Les paradigmes de traitement de la leucémie lymphoïde chronique (LLC) et du lymphome à cellules du manteau (LCM) ont connu une évolution rapide ces dernières années. Dans ce commentaire, Anthony Mato, MD, MSCE, et Brad S. Kahl, MD, discutent de certaines études présentées lors de l’assemblée annuelle de l’American Society of Clinical Oncology (ASCO) de 2022 et de leur impact potentiel sur les normes de soins actuelles de ces tumeurs malignes hématologiques.

LCM : SHINE

Brad S. Kahl, MD :
L’étude SHINE de phase III a été conçue pour évaluer l’ajout de l’inhibiteur de BTK, ibrutinib au traitement de première intention chez les patients plus âgés atteints de LCM, et les résultats n’ont pas été très concluants. SHINE est une étude en cours concernant la prise d’ibrutinib associé à la bendamustine/rituximab (BR) par rapport à BR seul pour le traitement du LCM de phase II à IV nouvellement diagnostiquée (N=523), avec comme principal critère d’évaluation la survie sans progression (SSP). Les patients ayant obtenu une réponse après 6 cycles ont poursuivi le traitement d’entretien de rituximab plus ibrutinib (ou un placebo) pendant un maximum de 12 doses supplémentaires de rituximab. L’ibrutinib (ou le placebo) a été poursuivi jusqu’à ce que la progression ou la toxicité soit inacceptable. BR est une approche thérapeutique couramment utilisée pour traiter le LCM aux États-Unis et dans le monde entier.

Il convient de noter que l’âge médian était de 71 ans. Il s’agissait donc d’une population atteinte de LCM relativement âgée. Les résultats ont montré que la SSP médiane était 2,3 ans plus longue avec l’ajout de l’ibrutinib au BR, à 80,6 mois, comparé à 52,9 mois avec le BR plus du placebo (RR : 0,75; P = 0,01). Cela dit, en regardant les courbes de SSP et les points de référence, la différence de SSP semble moins prononcée, avec une différence d’environ 10 % entre les 2 groupes après 3, 4 et 5 ans de suivi. À 5 ans, environ 50 % du groupe témoin étaient toujours en rémission comparé à environ 60 % pour ceux ayant reçu de l’ibrutinib. Les taux de réponse étaient très similaires entre les groupes, avec 89,7 % pour le groupe BR plus ibrutinib et 88,5 % pour le groupe BR plus placebo. En outre, il n’y avait pas de différence significative dans la survie globale (SG) : la médiane n’a été atteinte dans aucun des deux groupes et, à 84 mois, le taux SG était de 57 % avec le placebo comparé à 55 % avec l’ibrutinib. L’ibrutinib ajoute une certaine toxicité, notamment davantage de saignements, de fibrillation auriculaire, d’hypertension, d’arthralgies et d’infections.
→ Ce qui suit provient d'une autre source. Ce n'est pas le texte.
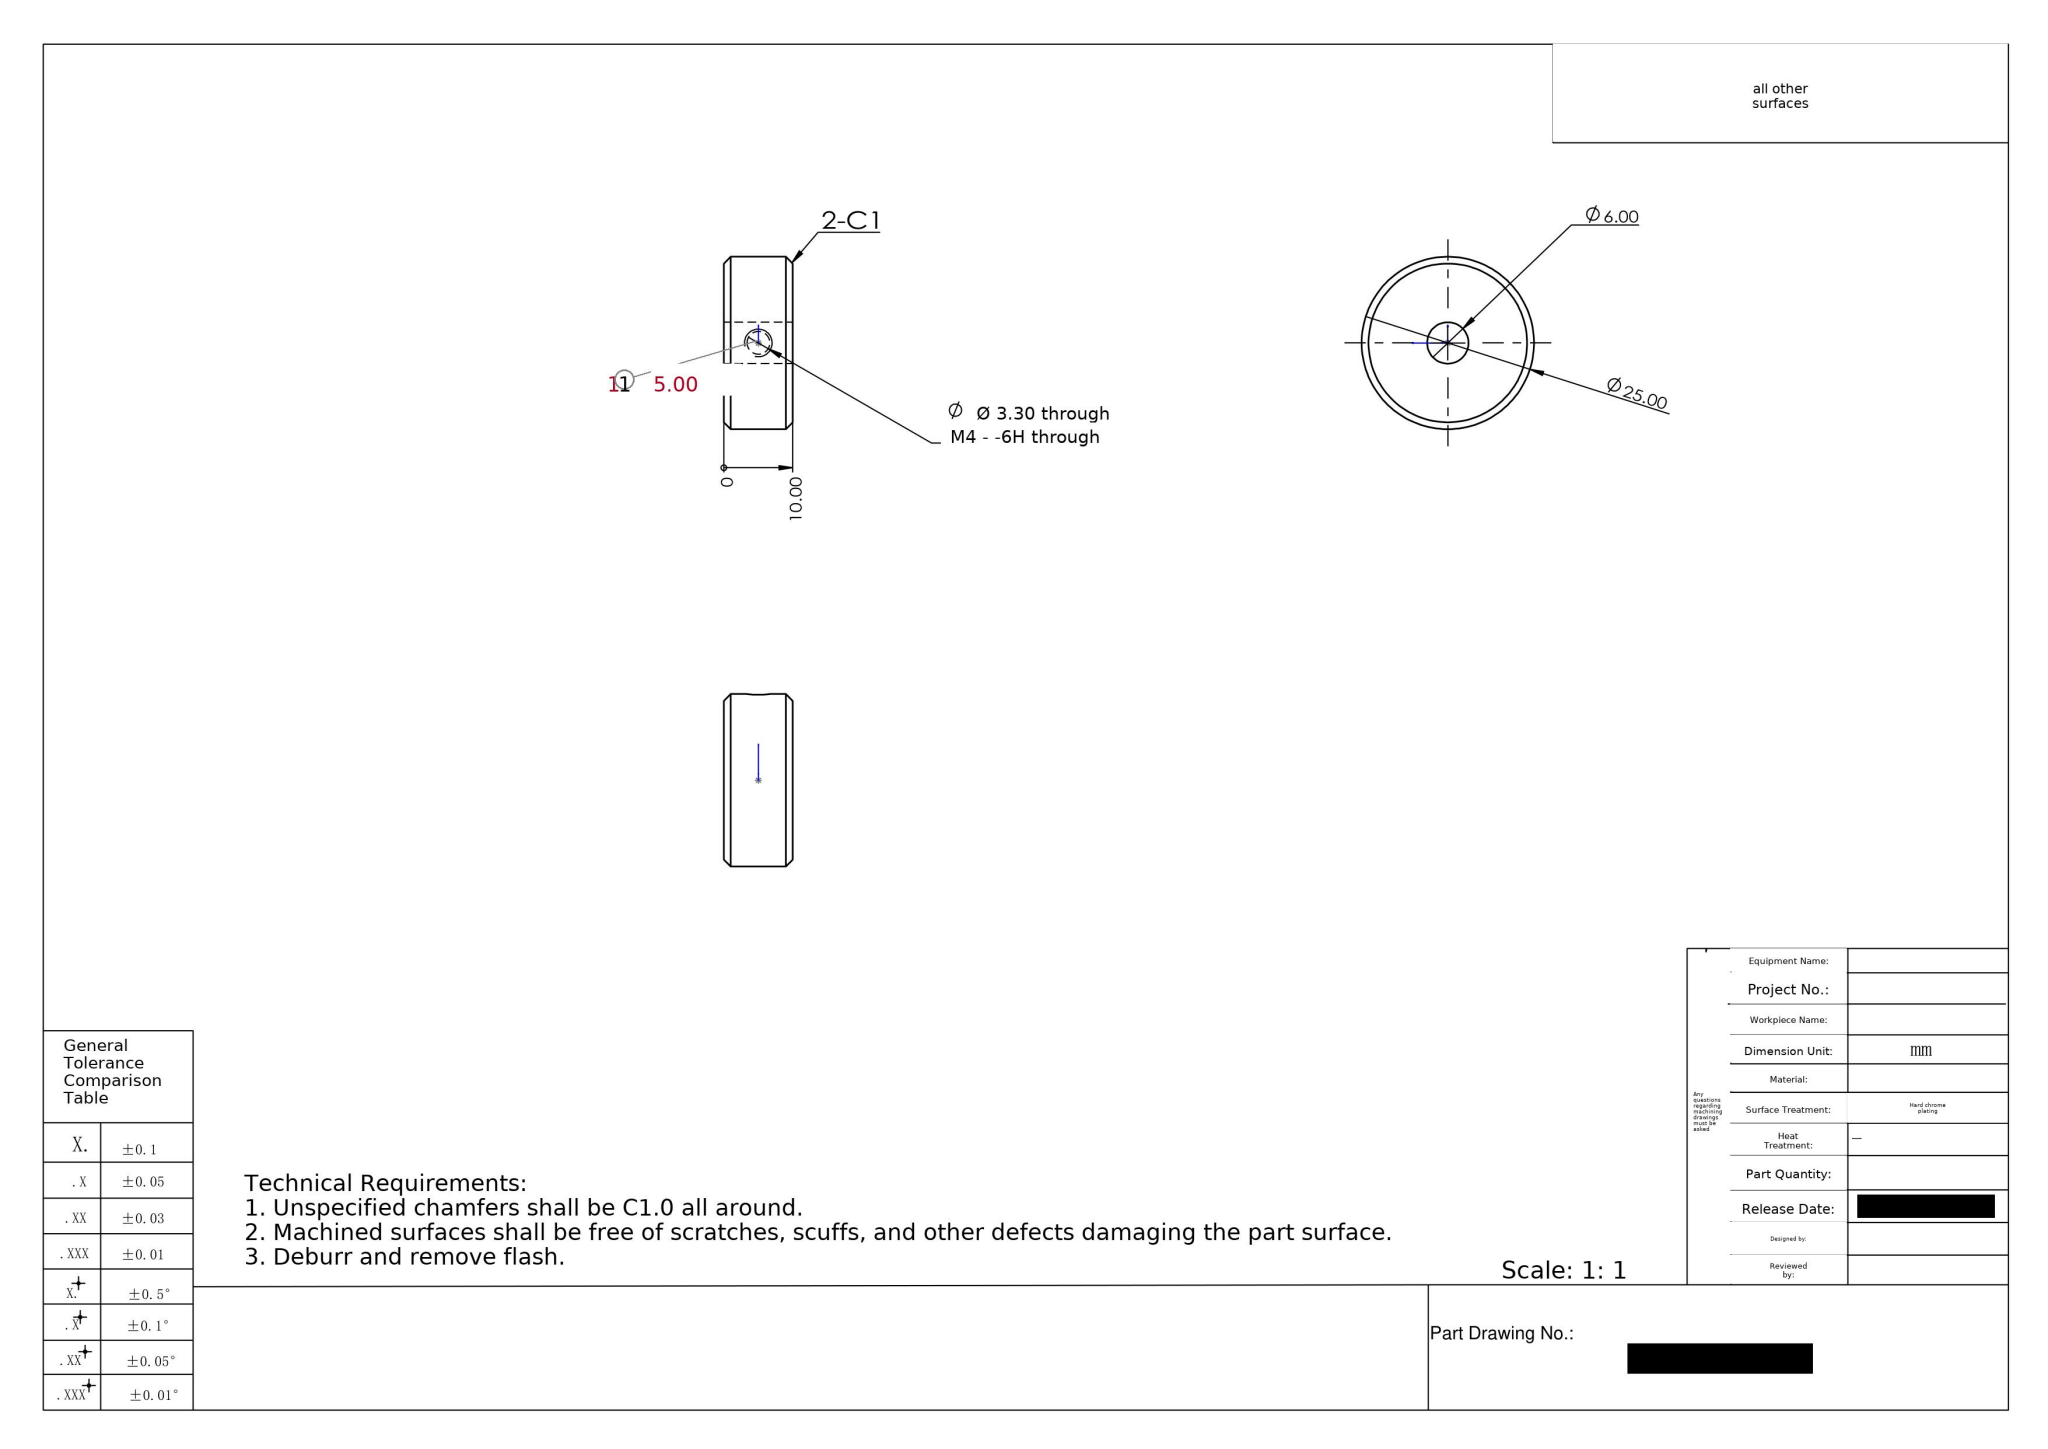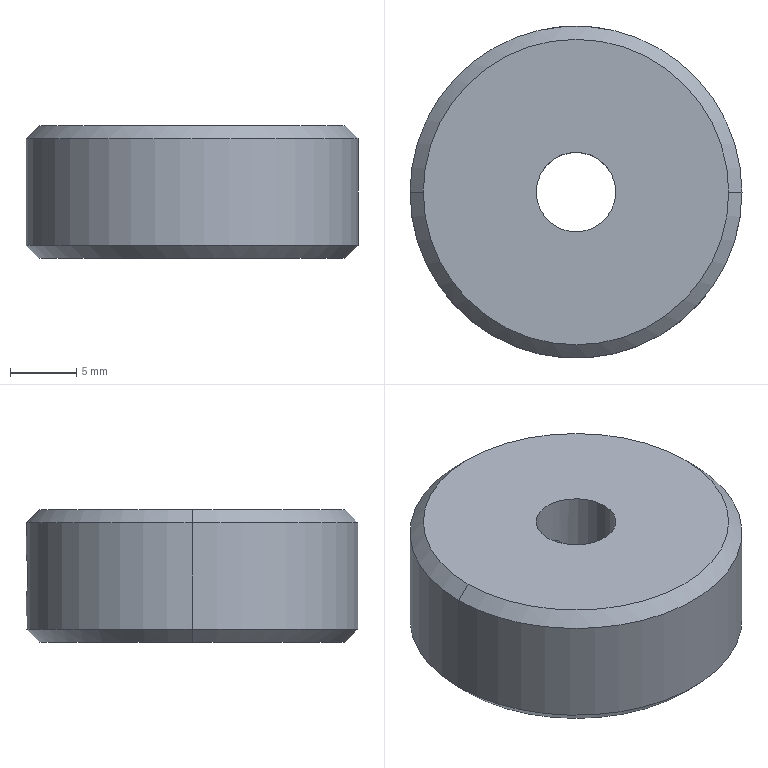Part | SolidWorks | mm | 1 solid | 12 faces | box 25 x 25 x 10 mm | volume 4468 mm3 | cylinder 6 | cone 4 | plane 2 | commonest cylinder face diameters 3.3 x2 6 x2 25 x2
build123d program:
from build123d import *

# Parameters (mm, degrees)
SKETCH1_R              = 12.5
SKETCH1_R_2            = 3
EXTRUDE1_DEPTH         = 5
M4_TAPPED_HOLE1_REACH  = 30.395
M4_TAPPED_HOLE1_BORE_R = 1.65
CHAMFER1_SIZE          = 1


with BuildPart() as part:
    # Sketch1 → Extrude1 (new, symmetric)
    with BuildSketch(Plane.XY):
        Circle(SKETCH1_R)
        Circle(SKETCH1_R_2, mode=Mode.SUBTRACT)
    extrude(amount=EXTRUDE1_DEPTH, both=True)

    # M4 Tapped Hole1 bore (on position points) → M4 Tapped Hole1 (cut, up to next)
    with BuildSketch(Plane(origin=(0, 12.5, 0), x_dir=(1, 0, 0), z_dir=(0, 1, 0)), mode=Mode.PRIVATE) as m4_tapped_hole1_sk1:
        Circle(M4_TAPPED_HOLE1_BORE_R)
    m4_tapped_hole1_tool1 = extrude(m4_tapped_hole1_sk1.sketch, amount=-M4_TAPPED_HOLE1_REACH, mode=Mode.PRIVATE) & part.part
    add(m4_tapped_hole1_tool1.solids().sort_by_distance((0, 12.5, 0))[0], mode=Mode.SUBTRACT)

    # Chamfer1
    chamfer1_edges = [part.edges().sort_by_distance(p)[0] for p in [
        (-12.5, 0, -5),
        (-12.5, 0, 5),
    ]]
    chamfer(chamfer1_edges, length=CHAMFER1_SIZE)


solid = part.part
STEP:
#1=CARTESIAN_POINT('',(-11.5,0.,-5.));
#2=VERTEX_POINT('',#1);
#3=CARTESIAN_POINT('',(11.5,0.,-5.));
#4=VERTEX_POINT('',#3);
#5=CARTESIAN_POINT('',(0.,0.,-5.));
#6=DIRECTION('',(0.,0.,-1.));
#7=DIRECTION('',(1.,0.,0.));
#8=AXIS2_PLACEMENT_3D('',#5,#6,#7);
#9=CIRCLE('',#8,11.5);
#10=EDGE_CURVE('',#2,#4,#9,.T.);
#11=ORIENTED_EDGE('',*,*,#10,.F.);
#12=CARTESIAN_POINT('',(-12.5,0.,-4.));
#13=VERTEX_POINT('',#12);
#14=CARTESIAN_POINT('',(-12.5,0.,-4.));
#15=DIRECTION('',(-0.7071,0.,0.7071));
#16=VECTOR('',#15,1000.);
#17=LINE('',#14,#16);
#18=EDGE_CURVE('',#2,#13,#17,.T.);
#19=ORIENTED_EDGE('',*,*,#18,.T.);
#20=CARTESIAN_POINT('',(12.5,0.,-4.));
#21=VERTEX_POINT('',#20);
#22=CARTESIAN_POINT('',(0.,0.,-4.));
#23=DIRECTION('',(0.,0.,1.));
#24=DIRECTION('',(1.,0.,0.));
#25=AXIS2_PLACEMENT_3D('',#22,#23,#24);
#26=CIRCLE('',#25,12.5);
#27=EDGE_CURVE('',#21,#13,#26,.T.);
#28=ORIENTED_EDGE('',*,*,#27,.F.);
#29=CARTESIAN_POINT('',(12.5,0.,-4.));
#30=DIRECTION('',(0.7071,0.,0.7071));
#31=VECTOR('',#30,1000.);
#32=LINE('',#29,#31);
#33=EDGE_CURVE('',#4,#21,#32,.T.);
#34=ORIENTED_EDGE('',*,*,#33,.F.);
#35=EDGE_LOOP('',(#11,#19,#28,#34));
#36=FACE_OUTER_BOUND('',#35,.T.);
#37=CARTESIAN_POINT('',(0.,0.,-4.));
#38=DIRECTION('',(0.,0.,1.));
#39=DIRECTION('',(1.,0.,0.));
#40=AXIS2_PLACEMENT_3D('',#37,#38,#39);
#41=CONICAL_SURFACE('',#40,12.5,0.7854);
#42=ADVANCED_FACE('',(#36),#41,.T.);
#43=CARTESIAN_POINT('',(11.5,0.,5.));
#44=VERTEX_POINT('',#43);
#45=CARTESIAN_POINT('',(-11.5,0.,5.));
#46=VERTEX_POINT('',#45);
#47=CARTESIAN_POINT('',(0.,0.,5.));
#48=DIRECTION('',(0.,0.,1.));
#49=DIRECTION('',(1.,0.,0.));
#50=AXIS2_PLACEMENT_3D('',#47,#48,#49);
#51=CIRCLE('',#50,11.5);
#52=EDGE_CURVE('',#44,#46,#51,.T.);
#53=ORIENTED_EDGE('',*,*,#52,.F.);
#54=CARTESIAN_POINT('',(12.5,0.,4.));
#55=VERTEX_POINT('',#54);
#56=CARTESIAN_POINT('',(11.5,0.,5.));
#57=DIRECTION('',(0.7071,0.,-0.7071));
#58=VECTOR('',#57,1000.);
#59=LINE('',#56,#58);
#60=EDGE_CURVE('',#44,#55,#59,.T.);
#61=ORIENTED_EDGE('',*,*,#60,.T.);
#62=CARTESIAN_POINT('',(-12.5,0.,4.));
#63=VERTEX_POINT('',#62);
#64=CARTESIAN_POINT('',(0.,0.,4.));
#65=DIRECTION('',(0.,0.,-1.));
#66=DIRECTION('',(1.,0.,0.));
#67=AXIS2_PLACEMENT_3D('',#64,#65,#66);
#68=CIRCLE('',#67,12.5);
#69=EDGE_CURVE('',#63,#55,#68,.T.);
#70=ORIENTED_EDGE('',*,*,#69,.F.);
#71=CARTESIAN_POINT('',(-11.5,0.,5.));
#72=DIRECTION('',(-0.7071,0.,-0.7071));
#73=VECTOR('',#72,1000.);
#74=LINE('',#71,#73);
#75=EDGE_CURVE('',#46,#63,#74,.T.);
#76=ORIENTED_EDGE('',*,*,#75,.F.);
#77=EDGE_LOOP('',(#53,#61,#70,#76));
#78=FACE_OUTER_BOUND('',#77,.T.);
#79=CARTESIAN_POINT('',(0.,0.,5.));
#80=DIRECTION('',(0.,0.,-1.));
#81=DIRECTION('',(-1.,0.,0.));
#82=AXIS2_PLACEMENT_3D('',#79,#80,#81);
#83=CONICAL_SURFACE('',#82,11.5,0.7854);
#84=ADVANCED_FACE('',(#78),#83,.T.);
#85=CARTESIAN_POINT('',(-0.,3.,1.65));
#86=VERTEX_POINT('',#85);
#87=CARTESIAN_POINT('',(0.,3.,-1.65));
#88=VERTEX_POINT('',#87);
#89=CARTESIAN_POINT('',(-0.,3.,1.65));
#90=CARTESIAN_POINT('',(-0.1115,3.,1.65));
#91=CARTESIAN_POINT('',(-0.2208,2.994,1.639));
#92=CARTESIAN_POINT('',(-0.435,2.97,1.595));
#93=CARTESIAN_POINT('',(-0.541,2.953,1.563));
#94=CARTESIAN_POINT('',(-0.8399,2.887,1.437));
#95=CARTESIAN_POINT('',(-1.02,2.826,1.314));
#96=CARTESIAN_POINT('',(-1.317,2.7,1.016));
#97=CARTESIAN_POINT('',(-1.438,2.635,0.8367));
#98=CARTESIAN_POINT('',(-1.563,2.561,0.5406));
#99=CARTESIAN_POINT('',(-1.595,2.541,0.4349));
#100=CARTESIAN_POINT('',(-1.639,2.513,0.2211));
#101=CARTESIAN_POINT('',(-1.65,2.506,0.1125));
#102=CARTESIAN_POINT('',(-1.65,2.505,-0.1082));
#103=CARTESIAN_POINT('',(-1.639,2.513,-0.2198));
#104=CARTESIAN_POINT('',(-1.596,2.541,-0.434));
#105=CARTESIAN_POINT('',(-1.563,2.561,-0.5391));
#106=CARTESIAN_POINT('',(-1.438,2.635,-0.8379));
#107=CARTESIAN_POINT('',(-1.316,2.701,-1.017));
#108=CARTESIAN_POINT('',(-1.018,2.826,-1.315));
#109=CARTESIAN_POINT('',(-0.838,2.888,-1.438));
#110=CARTESIAN_POINT('',(-0.5406,2.953,-1.563));
#111=CARTESIAN_POINT('',(-0.4348,2.97,-1.595));
#112=CARTESIAN_POINT('',(-0.2193,2.994,-1.639));
#113=CARTESIAN_POINT('',(-0.1103,3.,-1.65));
#114=CARTESIAN_POINT('',(0.,3.,-1.65));
#115=B_SPLINE_CURVE_WITH_KNOTS('',3,(#89,#90,#91,#92,#93,#94,#95,#96,#97,#98,#99,#100,#101,#102,#103,#104,#105,#106,#107,#108,#109,#110,#111,#112,#113,#114),.UNSPECIFIED.,.F.,.F.,(4,2,2,2,2,2,2,2,2,2,2,2,4),(0.,0.0003294,0.0006588,0.001318,0.001976,0.002306,0.002635,0.002965,0.003294,0.003953,0.004612,0.004941,0.00527),.UNSPECIFIED.);
#116=EDGE_CURVE('',#86,#88,#115,.T.);
#117=ORIENTED_EDGE('',*,*,#116,.T.);
#118=CARTESIAN_POINT('',(0.,12.5,-1.65));
#119=VERTEX_POINT('',#118);
#120=CARTESIAN_POINT('',(0.,12.5,-1.65));
#121=DIRECTION('',(0.,1.,0.));
#122=VECTOR('',#121,1000.);
#123=LINE('',#120,#122);
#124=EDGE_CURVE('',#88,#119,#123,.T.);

Alors, les données changent-elles la pratique ? Je pense que cet essai est sujet à l’interprétation. Les professionnels de la santé peuvent différer sur la manière dont ils l’intègrent dans leur pratique. Cela influence sans aucun doute la pratique. J’entrevois certains praticiens incorporant de l’ibrutinib en première intention si ce régime obtient une approbation, ce qui, je pense, sera basé sur les données. Bien que ce soit une option très intéressante, il s’agit d’une situation où il n’y a pas d’avantage de SG, et l’avantage de SSP comporte un risque de toxicité supplémentaire. En outre, l’utilisation de l’inhibition de BTK dans le traitement de première intention pourrait empêcher son utilisation comme traitement de deuxième intention. Certains professionnels de la santé, dont moi-même, pourraient préférer la réserver pour les patients en rechute. Je comparerais cela avec l’administration de rituximab d’entretien pour traiter le lymphome folliculaire : que vous choisissiez de l’administrer ou non, les deux options sont correctes. Chacune présente des avantages et des inconvénients propres, dont il faut discuter avec le patient, ainsi que de ses objectifs et ses préférences.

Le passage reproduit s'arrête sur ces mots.